Open APIs are vital for healthy communities on social platforms. With Web2 companies beginning to reject that principle, Web3 could be poised to supplant them.
They are also built on blockchain technology, which can include (crypto) financial rails that enable platforms, users and partners to synergistically profit from platform growth.
Man, dude had a good thing going until he said that bullshit.
I’m reading along… web3?? Who is still using that word? Built on the blockchain?! God damn crypto dweebs tricked me into reading 300 words before the took the mask off.
Cointelegraph.com, should have been able to piece it together. I have only myself to blame.
But if we just included the blockchain think of the shareholder value we could be generating. We could be decentralizing the blockchain with crypto NFTs in the cloud or whatever.
Despite the protests, Reddit's Huffman has persisted in arguing that Reddit is "a living organism, this democratic living organism, created by its users."
No way can a democratic society last under a corporatocracy which, by default, is essentially a dictatorship. And corporatocracy is exactly what Huffman is pushing.
Y’know, it’s highly hypocritical that the article mentions the reason for the API shutoff is to force users to pay for the content while redditcorp doesn’t pay for the content users generate that reddit wants those same users to pay to access.

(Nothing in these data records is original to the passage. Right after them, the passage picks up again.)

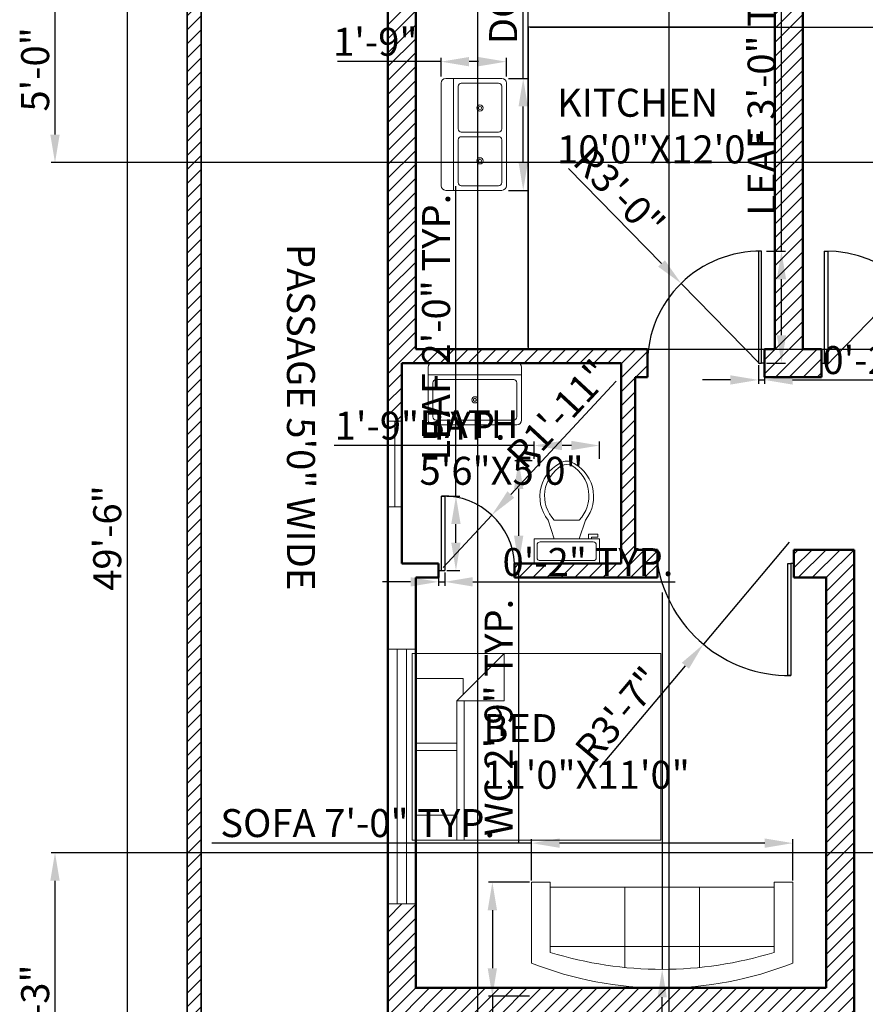
# Model space of a CAD drawing. Units: inches. Extents: x 36184 to 36805, y 18177 to 19069.
# Tile 3 of 5: x 36191 to 36463, y 18560 to 18876. Entities that reach past the tile are written whole.
import ezdxf

# ---------------------------------------------------------------- set-up
doc = ezdxf.new("R2010")
doc.units = ezdxf.units.IN
for name, color, linetype, lineweight in [('A-ANNO-DIMS', 2, 'Continuous', 18), ('A-AREA-IDEN', 7, 'Continuous', 25), ('A-DOOR', 4, 'Continuous', 25), ('A-FLOR-CASE', 9, 'Continuous', 25), ('A-FLOR-FIXT', 9, 'Continuous', 18), ('A-FURN', 8, 'Continuous', 18), ('A-GLAZ', 4, 'Continuous', 18), ('A-WALL', 7, 'Continuous', 50), ('C-PROP', 7, 'Continuous', 35), ('L-SITE-WALL', 7, 'Continuous', 35)]:
    doc.layers.add(name, color=color, linetype=linetype, lineweight=lineweight)
doc.layers.add('A-WALL-PATT', color=244, linetype='Continuous', lineweight=13, true_color=0x991b1e)
doc.styles.get("Standard").update_dxf_attribs({"font": 'arial.ttf'})
doc.dimstyles.new('ISO-25', dxfattribs={"dimtxt": 9, "dimasz": 9, "dimexe": 1.25, "dimexo": 0.625, "dimtad": 1, "dimdec": 1, "dimrnd": 9, "dimlunit": 3, "dimtxsty": 'Standard', "dimcen": 2.5, "dimadec": 0, "dimazin": 0, "dimtfac": 1, "dimtdec": 1, "dimtmove": 0, "dimatfit": 3, "dimfxl": 1, "dimarcsym": 0})

# ---------------------------------------------------------------- blocks, each defined once
blk = doc.blocks.new('Sink-double - 36 in top')
for p, q in [((-18, -4), (18, -4)), ((-0.75, -18.5), (-0.75, -6.5)), ((0.75, -6.5), (0.75, -18.5))]:
    blk.add_line(p, q)
for points in [[(-16.5, 0), (16.5, 0)], [(-18, -19.5), (-18, -1.5)], [(18, -1.5), (18, -19.5)], [(-15.5, -5.5), (-1.75, -5.5)], [(1.75, -5.5), (15.5, -5.5)], [(-16.5, -18.5), (-16.5, -6.5)], [(16.5, -6.5), (16.5, -18.5)], [(16.5, -21), (-16.5, -21)], [(-1.75, -19.5), (-15.5, -19.5)], [(15.5, -19.5), (1.75, -19.5)]]:
    blk.add_lwpolyline(points)
for centre, radius in [((-8.5, -12.5), 1), ((-8.5, -12.5), 0.5), ((8.5, -12.5), 1), ((8.5, -12.5), 0.5)]:
    blk.add_circle(centre, radius)
for centre, radius, start, end in [((-16.5, -1.5), 1.5, 90, 180), ((16.5, -1.5), 1.5, 0, 90), ((-15.5, -6.5), 1, 90, 180), ((-1.75, -6.5), 1, 0, 90), ((1.75, -6.5), 1, 90, 180), ((15.5, -6.5), 1, 0, 90), ((-15.5, -18.5), 1, 180, 270), ((-1.75, -18.5), 1, 270, 0), ((1.75, -18.5), 1, 180, 270), ((15.5, -18.5), 1, 270, 0), ((-16.5, -19.5), 1.5, 180, 270), ((16.5, -19.5), 1.5, 270, 0)]:
    blk.add_arc(centre, radius, start, end)
blk = doc.blocks.new('Sofa - Roundback 7 ft.')
for p, q in [((-12.00002, -32.4421), (-12.00003, -6.5971)), ((11.99997, -32.4421), (11.99998, -6.5971)), ((-36.000027, -34), (-36.000027, -11.4696)), ((35.99998, -34), (35.99998, -11.4696)), ((-35.999844, -13.3819), (35.9998, -13.3819)), ((-36.000027, -32.4421), (35.99998, -32.4421))]:
    blk.add_line(p, q)
for points in [[(-36.000027, -34), (-42.000027, -34), (-42.000027, -8)], [(41.99998, -8), (41.99998, -34), (35.99998, -34)]]:
    blk.add_lwpolyline(points)
for centre, radius, start, end in [((0, -114.25), 114.25, 68.43141, 111.5686), ((-0.00001, -127.1968), 121.1968, 72.72033, 107.2797)]:
    blk.add_arc(centre, radius, start, end)
blk = doc.blocks.new('Bed - Queen')
for p, q in [((0, -80.00003), (0, 0)), ((0, 0), (59.99999, 0)), ((59.99999, 0), (59.99999, -80.00003)), ((7.99999, -1.2), (28.79998, -1.2)), ((7.99999, -14.4), (7.99999, -1.2)), ((28.79998, -1.2), (28.79998, -14.4)), ((31.19999, -1.2), (51.99999, -1.2)), ((31.19999, -14.4), (31.19999, -1.2)), ((51.99999, -1.2), (51.99999, -16.4)), ((0, -14.4), (44.8, -14.4)), ((59.99999, -29.6), (44.8, -14.4)), ((44.8, -14.4), (44.8, -29.6)), ((44.8, -16.8), (0, -16.8)), ((51.99999, -16.4), (46.79936, -16.4)), ((44.8, -29.6), (59.99999, -29.6)), ((59.99999, -80.00003), (0, -80.00003))]:
    blk.add_line(p, q)
blk = doc.blocks.new('Toilet - top')
for p, q in [((9.5, -6), (9.5, -2)), ((-10, -8.5), (-8, -8.5)), ((-10, -9.5), (-10, -8.5)), ((-7, -9.5), (-10, -9.5)), ((-8, -8.5), (-8, -8)), ((-7, -8), (-7, -9.5)), ((-4, -8), (-6, -14)), ((4, -8), (6, -14)), ((4, -14), (-4, -14))]:
    blk.add_line(p, q)
blk.add_lwpolyline([(10.5, -8), (10.5, 0), (-10.5, 0), (-10.5, -8)], close=True)
for points in [[(-9.5, -2), (-9.5, -6)], [(8.5, -1), (-8.5, -1)], [(-8.5, -7), (8.5, -7)]]:
    blk.add_lwpolyline(points)
for centre, radius, start, end in [((-8.62, -1.88), 0.884, 81.8699, 188.1301), ((8.62, -1.88), 0.884, 351.8699, 98.1301), ((-8.62, -6.12), 0.884, 171.8699, 278.1301), ((8.62, -6.12), 0.884, 261.8699, 8.1301), ((3.52, -21.58), 12.17, 141.4691, 247.9714), ((4.2, -21.82), 11.33, 136.3677, 238.9468), ((-3.52, -21.58), 12.17, 292.0284, 38.5307), ((-4.2, -21.82), 11.33, 301.053, 43.6321), ((0, -27.88), 4, 245.7318, 294.2682), ((0, -29), 4, 254.8605, 285.1395)]:
    blk.add_arc(centre, radius, start, end)
blk = doc.blocks.new('Sink-single - 30 in top')
blk.add_line((-15, -3.999996), (15, -3.999996))
for points in [[(-13.5, 0), (13.5, 0)], [(-15, -18.499996), (-15, -1.5)], [(15, -1.5), (15, -18.499996)], [(-12.5, -5.499996), (12.5, -5.499996)], [(-13.5, -17.499996), (-13.5, -6.499996)], [(13.5, -6.499996), (13.5, -17.499996)], [(12.5, -18.499996), (-12.5, -18.499996)], [(13.5, -19.999996), (-13.5, -19.999996)]]:
    blk.add_lwpolyline(points)
for radius in [1, 0.5]:
    blk.add_circle((0, -11.999996), radius)
for centre, radius, start, end in [((-13.5, -1.5), 1.5, 90, 180), ((13.5, -1.5), 1.5, 0, 90), ((-12.5, -6.499996), 1, 90, 180), ((12.5, -6.499996), 1, 0, 90), ((-13.5, -18.499996), 1.5, 180, 270), ((-12.5, -17.499996), 1, 180, 270), ((12.5, -17.499996), 1, 270, 0), ((13.5, -18.499996), 1.5, 270, 0)]:
    blk.add_arc(centre, radius, start, end)
blk = doc.blocks.new('*D14')
at = {"layer": 'A-ANNO-DIMS', "color": 0, "lineweight": -2, "transparency": 16777216}
for p, q in [((36244.69, 19007.3), (36224.73, 19007.3)), ((36225.98, 18998.3), (36225.98, 18420.79)), ((36244.69, 18411.79), (36224.73, 18411.79))]:
    blk.add_line(p, q, dxfattribs=at)
at = {"layer": 'A-ANNO-DIMS', "color": 0, "transparency": 16777216}
for points in [[(36224.48, 18998.3), (36227.48, 18998.3), (36225.98, 19007.3)], [(36224.48, 18420.79), (36227.48, 18420.79), (36225.98, 18411.79)]]:
    blk.add_solid(points, dxfattribs=at)
at = {"layer": 'Defpoints', "color": 0, "transparency": 16777216}
for p in [(36245.31, 19007.3), (36225.98, 18411.79), (36245.31, 18411.79)]:
    blk.add_point(p, dxfattribs=at)
at = {"layer": 'A-ANNO-DIMS', "color": 0, "transparency": 16777216, "insert": (36220.76, 18709.54), "char_height": 9, "attachment_point": 5, "rotation": 90}
blk.add_mtext('49\'-6"', dxfattribs=at)
blk = doc.blocks.new('DOOR-LEAF-24IN')
for p, q in [((1, 0), (1, 24)), ((1, 24), (2, 24)), ((2, 24), (2, 0)), ((0, 0), (1, 0)), ((1, 0), (2, 0))]:
    blk.add_line(p, q)
blk = doc.blocks.new('DOOR-LEAF-36IN')
for p, q in [((1, 36), (0, 36)), ((0, 36), (0, 0)), ((1, 0), (1, 36)), ((0, 0), (1, 0)), ((2, 0), (1, 0))]:
    blk.add_line(p, q)
blk = doc.blocks.new('*D22')
at = {"layer": 'A-ANNO-DIMS', "color": 0, "lineweight": -2, "transparency": 16777216}
for p, q in [((36356.04, 18611.4), (36253.25, 18611.4)), ((36356.04, 18599.43), (36356.04, 18612.65)), ((36431.04, 18611.4), (36365.04, 18611.4)), ((36440.04, 18599.43), (36440.04, 18612.65))]:
    blk.add_line(p, q, dxfattribs=at)
at = {"layer": 'A-ANNO-DIMS', "color": 0, "transparency": 16777216}
for points in [[(36365.04, 18612.9), (36365.04, 18609.9), (36356.04, 18611.4)], [(36431.04, 18612.9), (36431.04, 18609.9), (36440.04, 18611.4)]]:
    blk.add_solid(points, dxfattribs=at)
at = {"layer": 'Defpoints', "color": 0, "transparency": 16777216}
for p in [(36356.04, 18611.4), (36356.04, 18598.8), (36440.04, 18598.8)]:
    blk.add_point(p, dxfattribs=at)
at = {"layer": 'A-ANNO-DIMS', "color": 0, "transparency": 16777216, "insert": (36300.14, 18616.68), "char_height": 9, "attachment_point": 5}
blk.add_mtext('SOFA 7\'-0" TYP.', dxfattribs=at)
blk = doc.blocks.new('*D23')
at = {"layer": 'A-ANNO-DIMS', "color": 0, "lineweight": -2, "transparency": 16777216}
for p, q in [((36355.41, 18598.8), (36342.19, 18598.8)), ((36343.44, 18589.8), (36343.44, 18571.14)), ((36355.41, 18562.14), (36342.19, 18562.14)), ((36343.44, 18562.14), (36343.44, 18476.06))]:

Lol I love how they completely ignore the real Reddit placements like Lemmy and Kbin in favor of “web3” crypto bullshit 🙄
Yeah you don’t need blockchain to have an open, collaborative, community driven social media platform. In fact every blockchain + something project I’ve very seen would work just as well or better if you removed the blockchain part haha.
They had me until they started pushing their Web3 bullshit. Crypto bros co-opted the term and kept it away from "real" Web 3.0 tech like the fediverse.
Well it's more of a "reddit does not realise their mistake" kind of "high price" ^^ Hard to estimate the cost or even estimate if it was a mistake this early in. Though I'd say it def will be.
Social media platforms should be built to serve their communities, not just to produce profits for investors and executives. And however successful they may become, they should never turn their backs on the committed and enthusiastic developers that helped them at the start.
This is painful to read. Calling out the betrayal.